Decrease of 42% in summer transmission
The scientists used data from older studies based in Europe alone to determine how environmental factors and behavioral changes were translated into seasonal effects. This showed that on July 1, the peak of summer, the reproduction number fell to below the peak of winter (on January 1), with the median decrease being 42%.
This reduction was similar to that achieved by the most effective NPI even while falling short of that attained by combined measures, such as school and business closures; limiting of social gatherings to less than 10 to less than 1,000; and shelter-in-place mandates.
Advantages of incorporating seasonality estimates
These seasonality estimates held constant even when the data was confined to temperate countries in Europe. The study also helped understand how seasonality could help improve understanding of how effective NPIs really are by accounting for part of the residual variation in the Rt.

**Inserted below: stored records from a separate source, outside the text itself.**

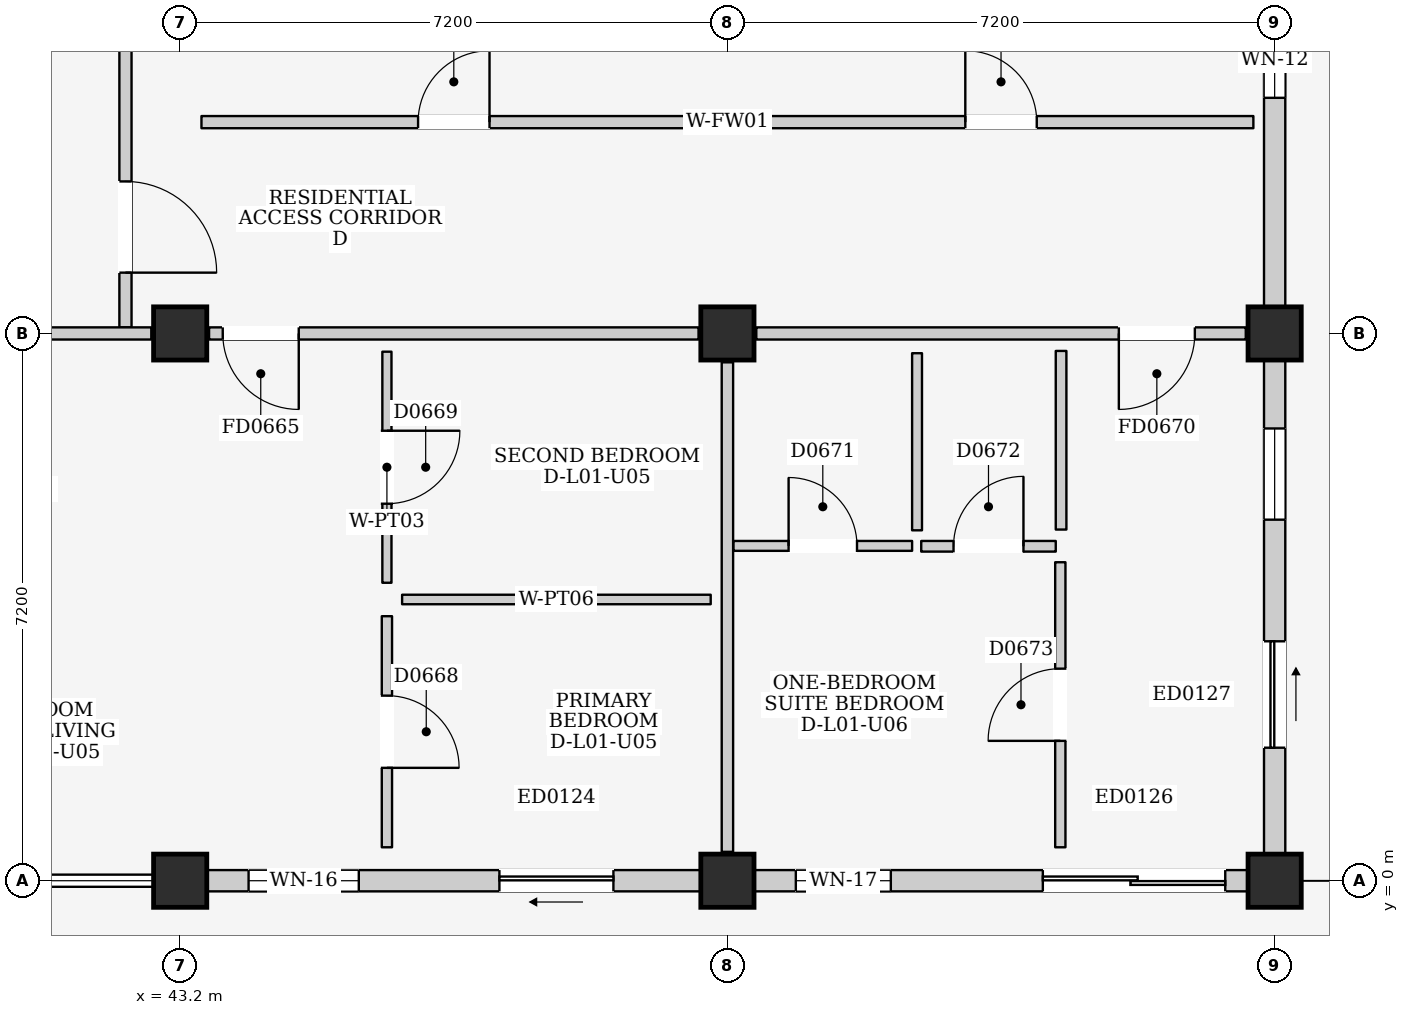
"""IFC4 building model, lengths in metres.
Left out: names, types, materials, properties, quantities, classifications, styles, units other than length and angle.
Written with IfcOpenShell. Run it as: python <this file> out.ifc"""

import sys

from ifc_helpers import new_model, si_unit, direction, frame, frame_2d, origin, origin_2d, place, context, subcontext, project, spatial, rectangle, extrude, element, fill, save


model = new_model("IFC4")
c1 = context("Model", 3, precision=1e-05, world=origin(), true_north=direction((0.0, 1.0)))
c2 = subcontext(c1, "Body", "Model", "MODEL_VIEW")
j1 = project(units=[si_unit("LENGTHUNIT", "METRE"), si_unit("PLANEANGLEUNIT", "RADIAN")], contexts=[c1])
p1 = place(None, origin())
s1 = spatial("IfcSite", under=j1, at=p1, CompositionType="ELEMENT")
p2 = place(p1, origin())
s2 = spatial("IfcBuilding", under=s1, at=p2, CompositionType="ELEMENT")
p3 = place(p2, frame((0.0, 0.0, 4.5)))
s3 = spatial("IfcBuildingStorey", under=s2, at=p3, CompositionType="ELEMENT", Elevation=4.5)
for number, where, z_axis, x_axis in (
    (1, (43.2, 0.0, 0.0), (0.0, 0.0, 1.0), (1.0, 0.0, 0.0)),
    (2, (43.2, 7.2, 0.0), (0.0, 0.0, 1.0), (1.0, 0.0, 0.0)),
    (3, (50.4, 0.0, 0.0), (0.0, 0.0, 1.0), (1.0, 0.0, 0.0)),
    (4, (50.4, 7.2, 0.0), (0.0, 0.0, 1.0), (1.0, 0.0, 0.0)),
    (5, (57.6, 0.0, 0.0), (0.0, 0.0, 1.0), (1.0, 0.0, 0.0)),
    (6, (57.6, 7.2, 0.0), (0.0, 0.0, 1.0), (1.0, 0.0, 0.0)),
):
    element("IfcColumn", number, at=place(p3, frame(where, z_axis=z_axis, x_axis=x_axis)), inside=s3, PredefinedType="COLUMN", context=c2, shape_type="SweptSolid", body=[
        extrude(rectangle(XDim=0.7, YDim=0.7, at=origin_2d()), origin(), (0.0, 0.0, 1.0), 4.5),
    ])
p4 = place(p3, frame((43.55, 0.0, 0.0), z_axis=(0.0, 0.0, 1.0), x_axis=(1.0, 0.0, 0.0)))
e7 = element("IfcWall", 7, at=p4, inside=s3, PredefinedType="ELEMENTEDWALL", context=c2, shape_type="SweptSolid", body=[
    extrude(rectangle(XDim=6.5, YDim=0.28, at=frame_2d((3.25, 0.0))), origin(), (0.0, 0.0, 1.0), 3.715),
])
p5 = place(p4, frame((3.85, 0.0, 0.0)))
e8 = element("IfcOpeningElement", 8, at=p5, cuts=e7, PredefinedType="OPENING", context=c2, shape_type="SweptSolid", body=[
    extrude(rectangle(XDim=1.5, YDim=2.12, at=frame_2d((0.75, 1.06))), frame((0.0, 0.155, 0.0), z_axis=(0.0, -1.0, 0.0), x_axis=(1.0, 0.0, 0.0)), (0.0, 0.0, 1.0), 0.31),
])
p6 = place(p4, frame((0.55, 0.0, 0.9)))
e9 = element("IfcOpeningElement", 9, at=p6, cuts=e7, PredefinedType="OPENING", context=c2, shape_type="SweptSolid", body=[
    extrude(rectangle(XDim=1.45, YDim=1.4, at=frame_2d((0.725, 0.7))), frame((0.0, 0.155, 0.0), z_axis=(0.0, -1.0, 0.0), x_axis=(1.0, 0.0, 0.0)), (0.0, 0.0, 1.0), 0.31),
])
p7 = place(p3, frame((50.75, 0.0, 0.0), z_axis=(0.0, 0.0, 1.0), x_axis=(1.0, 0.0, 0.0)))
e10 = element("IfcWall", 10, at=p7, inside=s3, PredefinedType="ELEMENTEDWALL", context=c2, shape_type="SweptSolid", body=[
    extrude(rectangle(XDim=6.5, YDim=0.28, at=frame_2d((3.25, 0.0))), origin(), (0.0, 0.0, 1.0), 3.715),
])
p8 = place(p7, frame((3.8, 0.0, 0.0)))
e11 = element("IfcOpeningElement", 11, at=p8, cuts=e10, PredefinedType="OPENING", context=c2, shape_type="SweptSolid", body=[
    extrude(rectangle(XDim=2.4, YDim=2.12, at=frame_2d((1.2, 1.06))), frame((0.0, 0.155, 0.0), z_axis=(0.0, -1.0, 0.0), x_axis=(1.0, 0.0, 0.0)), (0.0, 0.0, 1.0), 0.31),
])
p9 = place(p7, frame((0.55, 0.0, 0.9)))
e12 = element("IfcOpeningElement", 12, at=p9, cuts=e10, PredefinedType="OPENING", context=c2, shape_type="SweptSolid", body=[
    extrude(rectangle(XDim=1.25, YDim=1.3, at=frame_2d((0.625, 0.65))), frame((0.0, 0.155, 0.0), z_axis=(0.0, -1.0, 0.0), x_axis=(1.0, 0.0, 0.0)), (0.0, 0.0, 1.0), 0.31),
])
p10 = place(p3, frame((57.6, 0.35, 0.0), z_axis=(0.0, 0.0, 1.0), x_axis=(0.0, 1.0, 0.0)))
e13 = element("IfcWall", 13, at=p10, inside=s3, PredefinedType="ELEMENTEDWALL", context=c2, shape_type="SweptSolid", body=[
    extrude(rectangle(XDim=6.5, YDim=0.28, at=frame_2d((3.25, 0.0))), origin(), (0.0, 0.0, 1.0), 3.685),
])
p11 = place(p10, frame((1.4, 0.0, 0.0)))
e14 = element("IfcOpeningElement", 14, at=p11, cuts=e13, PredefinedType="OPENING", context=c2, shape_type="SweptSolid", body=[
    extrude(rectangle(XDim=1.4, YDim=2.1, at=frame_2d((0.7, 1.05))), frame((0.0, 0.155, 0.0), z_axis=(0.0, -1.0, 0.0), x_axis=(1.0, 0.0, 0.0)), (0.0, 0.0, 1.0), 0.31),
])
p12 = place(p10, frame((4.4, 0.0, 0.95)))
e15 = element("IfcOpeningElement", 15, at=p12, cuts=e13, PredefinedType="OPENING", context=c2, shape_type="SweptSolid", body=[
    extrude(rectangle(XDim=1.2, YDim=1.35, at=frame_2d((0.6, 0.675))), frame((0.0, 0.155, 0.0), z_axis=(0.0, -1.0, 0.0), x_axis=(1.0, 0.0, 0.0)), (0.0, 0.0, 1.0), 0.31),
])
p13 = place(p3, frame((57.6, 7.55, 0.0), z_axis=(0.0, 0.0, 1.0), x_axis=(0.0, 1.0, 0.0)))
e16 = element("IfcWall", 16, at=p13, inside=s3, PredefinedType="ELEMENTEDWALL", context=c2, shape_type="SweptSolid", body=[
    extrude(rectangle(XDim=6.5, YDim=0.28, at=frame_2d((3.25, 0.0))), origin(), (0.0, 0.0, 1.0), 3.685),
])
p14 = place(p13, frame((2.75, 0.0, 1.1)))
e17 = element("IfcOpeningElement", 17, at=p14, cuts=e16, PredefinedType="OPENING", context=c2, shape_type="SweptSolid", body=[
    extrude(rectangle(XDim=1.0, YDim=0.9, at=frame_2d((0.5, 0.45))), frame((0.0, 0.155, 0.0), z_axis=(0.0, -1.0, 0.0), x_axis=(1.0, 0.0, 0.0)), (0.0, 0.0, 1.0), 0.31),
])
p15 = place(p3, frame((42.48, 7.28, 0.0), z_axis=(0.0, 0.0, 1.0), x_axis=(0.0, 1.0, 0.0)))
e18 = element("IfcWall", 18, at=p15, inside=s3, PredefinedType="PARTITIONING", context=c2, shape_type="SweptSolid", body=[
    extrude(rectangle(XDim=4.32, YDim=0.16, at=frame_2d((2.16, 0.0))), origin(), (0.0, 0.0, 1.0), 4.25),
])
p16 = place(p15, frame((0.72, 0.0, 0.0)))
e19 = element("IfcOpeningElement", 19, at=p16, cuts=e18, PredefinedType="OPENING", context=c2, shape_type="SweptSolid", body=[
    extrude(rectangle(XDim=1.2, YDim=2.2, at=frame_2d((0.6, 1.1))), frame((0.0, 0.095, 0.0), z_axis=(0.0, -1.0, 0.0), x_axis=(1.0, 0.0, 0.0)), (0.0, 0.0, 1.0), 0.19),
])
p17 = place(p3, frame((36.38, 7.2, 0.0), z_axis=(0.0, 0.0, 1.0), x_axis=(1.0, 0.0, 0.0)))
e20 = element("IfcWall", 20, at=p17, inside=s3, PredefinedType="PARTITIONING", context=c2, shape_type="SweptSolid", body=[
    extrude(rectangle(XDim=6.44, YDim=0.16, at=frame_2d((3.22, 0.0))), origin(), (0.0, 0.0, 1.0), 3.635),
])
p18 = place(p3, frame((43.58, 7.2, 0.0), z_axis=(0.0, 0.0, 1.0), x_axis=(1.0, 0.0, 0.0)))
e21 = element("IfcWall", 21, at=p18, inside=s3, PredefinedType="PARTITIONING", context=c2, shape_type="SweptSolid", body=[
    extrude(rectangle(XDim=6.44, YDim=0.16, at=frame_2d((3.22, 0.0))), origin(), (0.0, 0.0, 1.0), 3.635),
])
p19 = place(p18, frame((0.18, 0.0, 0.0)))
e22 = element("IfcOpeningElement", 22, at=p19, cuts=e21, PredefinedType="OPENING", context=c2, shape_type="SweptSolid", body=[
    extrude(rectangle(XDim=1.0, YDim=2.15, at=frame_2d((0.5, 1.075))), frame((0.0, 0.095, 0.0), z_axis=(0.0, -1.0, 0.0), x_axis=(1.0, 0.0, 0.0)), (0.0, 0.0, 1.0), 0.19),
])
p20 = place(p3, frame((50.4, 0.38, 0.0), z_axis=(0.0, 0.0, 1.0), x_axis=(0.0, 1.0, 0.0)))
e23 = element("IfcWall", 23, at=p20, inside=s3, PredefinedType="PARTITIONING", context=c2, shape_type="SweptSolid", body=[
    extrude(rectangle(XDim=6.44, YDim=0.15, at=frame_2d((3.22, 0.0))), origin(), (0.0, 0.0, 1.0), 3.685),
])
p21 = place(p3, frame((45.92, 0.44, 0.0), z_axis=(0.0, 0.0, 1.0), x_axis=(0.0, 1.0, 0.0)))
e24 = element("IfcWall", 24, at=p21, inside=s3, PredefinedType="PARTITIONING", context=c2, shape_type="SweptSolid", body=[
    extrude(rectangle(XDim=3.04, YDim=0.135, at=frame_2d((1.52, 0.0))), origin(), (0.0, 0.0, 1.0), 4.25),
])
p22 = place(p21, frame((1.045, 0.0, 0.0)))
e25 = element("IfcOpeningElement", 25, at=p22, cuts=e24, PredefinedType="OPENING", context=c2, shape_type="SweptSolid", body=[
    extrude(rectangle(XDim=0.95, YDim=2.15, at=frame_2d((0.475, 1.075))), frame((0.0, 0.083, 0.0), z_axis=(0.0, -1.0, 0.0), x_axis=(1.0, 0.0, 0.0)), (0.0, 0.0, 1.0), 0.165),
])
p23 = place(p3, frame((46.12, 3.7, 0.0), z_axis=(0.0, 0.0, 1.0), x_axis=(1.0, 0.0, 0.0)))
e26 = element("IfcWall", 26, at=p23, inside=s3, PredefinedType="PARTITIONING", context=c2, shape_type="SweptSolid", body=[
    extrude(rectangle(XDim=4.06, YDim=0.125, at=frame_2d((2.03, 0.0))), origin(), (0.0, 0.0, 1.0), 4.25),
])
p24 = place(p3, frame((45.92, 3.92, 0.0), z_axis=(0.0, 0.0, 1.0), x_axis=(0.0, 1.0, 0.0)))
e27 = element("IfcWall", 27, at=p24, inside=s3, PredefinedType="PARTITIONING", context=c2, shape_type="SweptSolid", body=[
    extrude(rectangle(XDim=3.04, YDim=0.12, at=frame_2d((1.52, 0.0))), origin(), (0.0, 0.0, 1.0), 4.25),
])
p25 = place(p24, frame((1.04, 0.0, 0.0)))
e28 = element("IfcOpeningElement", 28, at=p25, cuts=e27, PredefinedType="OPENING", context=c2, shape_type="SweptSolid", body=[
    extrude(rectangle(XDim=0.96, YDim=2.15, at=frame_2d((0.48, 1.075))), frame((0.0, 0.075, 0.0), z_axis=(0.0, -1.0, 0.0), x_axis=(1.0, 0.0, 0.0)), (0.0, 0.0, 1.0), 0.15),
])
p26 = place(p3, frame((50.78, 7.2, 0.0), z_axis=(0.0, 0.0, 1.0), x_axis=(1.0, 0.0, 0.0)))
e29 = element("IfcWall", 29, at=p26, inside=s3, PredefinedType="PARTITIONING", context=c2, shape_type="SweptSolid", body=[
    extrude(rectangle(XDim=6.44, YDim=0.16, at=frame_2d((3.22, 0.0))), origin(), (0.0, 0.0, 1.0), 3.635),
])
p27 = place(p26, frame((4.77, 0.0, 0.0)))
e30 = element("IfcOpeningElement", 30, at=p27, cuts=e29, PredefinedType="OPENING", context=c2, shape_type="SweptSolid", body=[
    extrude(rectangle(XDim=1.0, YDim=2.15, at=frame_2d((0.5, 1.075))), frame((0.0, 0.095, 0.0), z_axis=(0.0, -1.0, 0.0), x_axis=(1.0, 0.0, 0.0)), (0.0, 0.0, 1.0), 0.19),
])
p28 = place(p3, frame((50.48, 4.405, 0.0), z_axis=(0.0, 0.0, 1.0), x_axis=(1.0, 0.0, 0.0)))
e31 = element("IfcWall", 31, at=p28, inside=s3, PredefinedType="PARTITIONING", context=c2, shape_type="SweptSolid", body=[
    extrude(rectangle(XDim=2.35, YDim=0.13, at=frame_2d((1.175, 0.0))), origin(), (0.0, 0.0, 1.0), 4.25),
])
p29 = place(p28, frame((0.725, 0.0, 0.0)))
e32 = element("IfcOpeningElement", 32, at=p29, cuts=e31, PredefinedType="OPENING", context=c2, shape_type="SweptSolid", body=[
    extrude(rectangle(XDim=0.9, YDim=2.1, at=frame_2d((0.45, 1.05))), frame((0.0, 0.08, 0.0), z_axis=(0.0, -1.0, 0.0), x_axis=(1.0, 0.0, 0.0)), (0.0, 0.0, 1.0), 0.16),
])
p30 = place(p3, frame((52.895, 4.61, 0.0), z_axis=(0.0, 0.0, 1.0), x_axis=(0.0, 1.0, 0.0)))
e33 = element("IfcWall", 33, at=p30, inside=s3, PredefinedType="PARTITIONING", context=c2, shape_type="SweptSolid", body=[
    extrude(rectangle(XDim=2.33, YDim=0.13, at=frame_2d((1.165, 0.0))), origin(), (0.0, 0.0, 1.0), 4.25),
])
p31 = place(p3, frame((52.95, 4.4, 0.0), z_axis=(0.0, 0.0, 1.0), x_axis=(1.0, 0.0, 0.0)))
e34 = element("IfcWall", 34, at=p31, inside=s3, PredefinedType="PARTITIONING", context=c2, shape_type="SweptSolid", body=[
    extrude(rectangle(XDim=1.77, YDim=0.14, at=frame_2d((0.885, 0.0))), origin(), (0.0, 0.0, 1.0), 4.25),
])
p32 = place(p31, frame((0.425, 0.0, 0.0)))
e35 = element("IfcOpeningElement", 35, at=p32, cuts=e34, PredefinedType="OPENING", context=c2, shape_type="SweptSolid", body=[
    extrude(rectangle(XDim=0.92, YDim=2.1, at=frame_2d((0.46, 1.05))), frame((0.0, 0.085, 0.0), z_axis=(0.0, -1.0, 0.0), x_axis=(1.0, 0.0, 0.0)), (0.0, 0.0, 1.0), 0.17),
])
p33 = place(p3, frame((54.79, 4.62, 0.0), z_axis=(0.0, 0.0, 1.0), x_axis=(0.0, 1.0, 0.0)))
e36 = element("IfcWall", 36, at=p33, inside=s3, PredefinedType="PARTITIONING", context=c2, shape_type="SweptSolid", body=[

For instance, in one model, a random walk was added on to the basic reproduction rate in order to dynamically explain transmission trends by attributing them to factors that were not included in the study. Such a random walk factor would shrink, becoming smaller and more uniform once seasonality is included in the reproduction rate estimates.
Thus, the mean square displacement (MSD) of the random walk is 0.131 log and 0.072 log when applied to the non-seasonal and seasonal estimate, respectively. This means that quite a bit of the residual variation is attributable to the seasonality in both cases.
These estimates remain robust when the reduction in transmission on any given peak seasonality day in December or January is calculated, with less than 5% difference between peak or trough estimates.
What are the implications?
The results of this study indicate that the peak transmission rates of SARS-CoV-2 in summer is about 42% lower, relative to the winter peak, attributable solely to seasonality.
The findings correlate with earlier assumptions of 10% to 40% declines in the rate of transmission of this virus from winter to summer peaks. Resurgences may happen in colder regions in summer as well as in winter, however, as well as in warmer countries, with the Rt remaining above 1.
It is also important to remember that latitude changes a whole array of population-based factors, sociocultural and epidemiological attributes, and thus the transmission dynamics.
Closer attention must be paid to separate aspects of seasonality, especially weather and climatic conditions vs. behavioral changes, the latter being very unique during 2020 and unlikely to operate again in the near future.
Yet, the single estimate of seasonality magnitude may be enough to provide a picture of what happens over time, and to strategize accordingly, even without adequate knowledge of each separate factor. Its ability to provide a more dependable idea of what may be expected in terms of transmission is likely to be important in achieving more accurate models, especially when accounting for the effects of NPIs.
Considering that school holidays are responsible for a large part of seasonal variations in other respiratory viral diseases, the fact that they are included only as NPIs in this model underlines the importance of the observed seasonality of SARS-CoV-2. Since population immunity was being built over the first year of the pandemic, it seems that “going forward, the long-term seasonality of SARS-CoV-2 will depend in part on developments in population immunity as well as on the emergence of variants.”
In short, seasonality may help understand the reduction in COVID-19 transmission in summer apart from population-level immunity, thus promoting proper preparation for a fall or winter surge. Secondly, knowing the limits of the role played by weather and climate factors will help prevent over-dependence on seasonal variation and encourage NPI strategies to contain viral spread.
medRxiv publishes preliminary scientific reports that are not peer-reviewed and, therefore, should not be regarded as conclusive, guide clinical practice/health-related behavior, or treated as established information.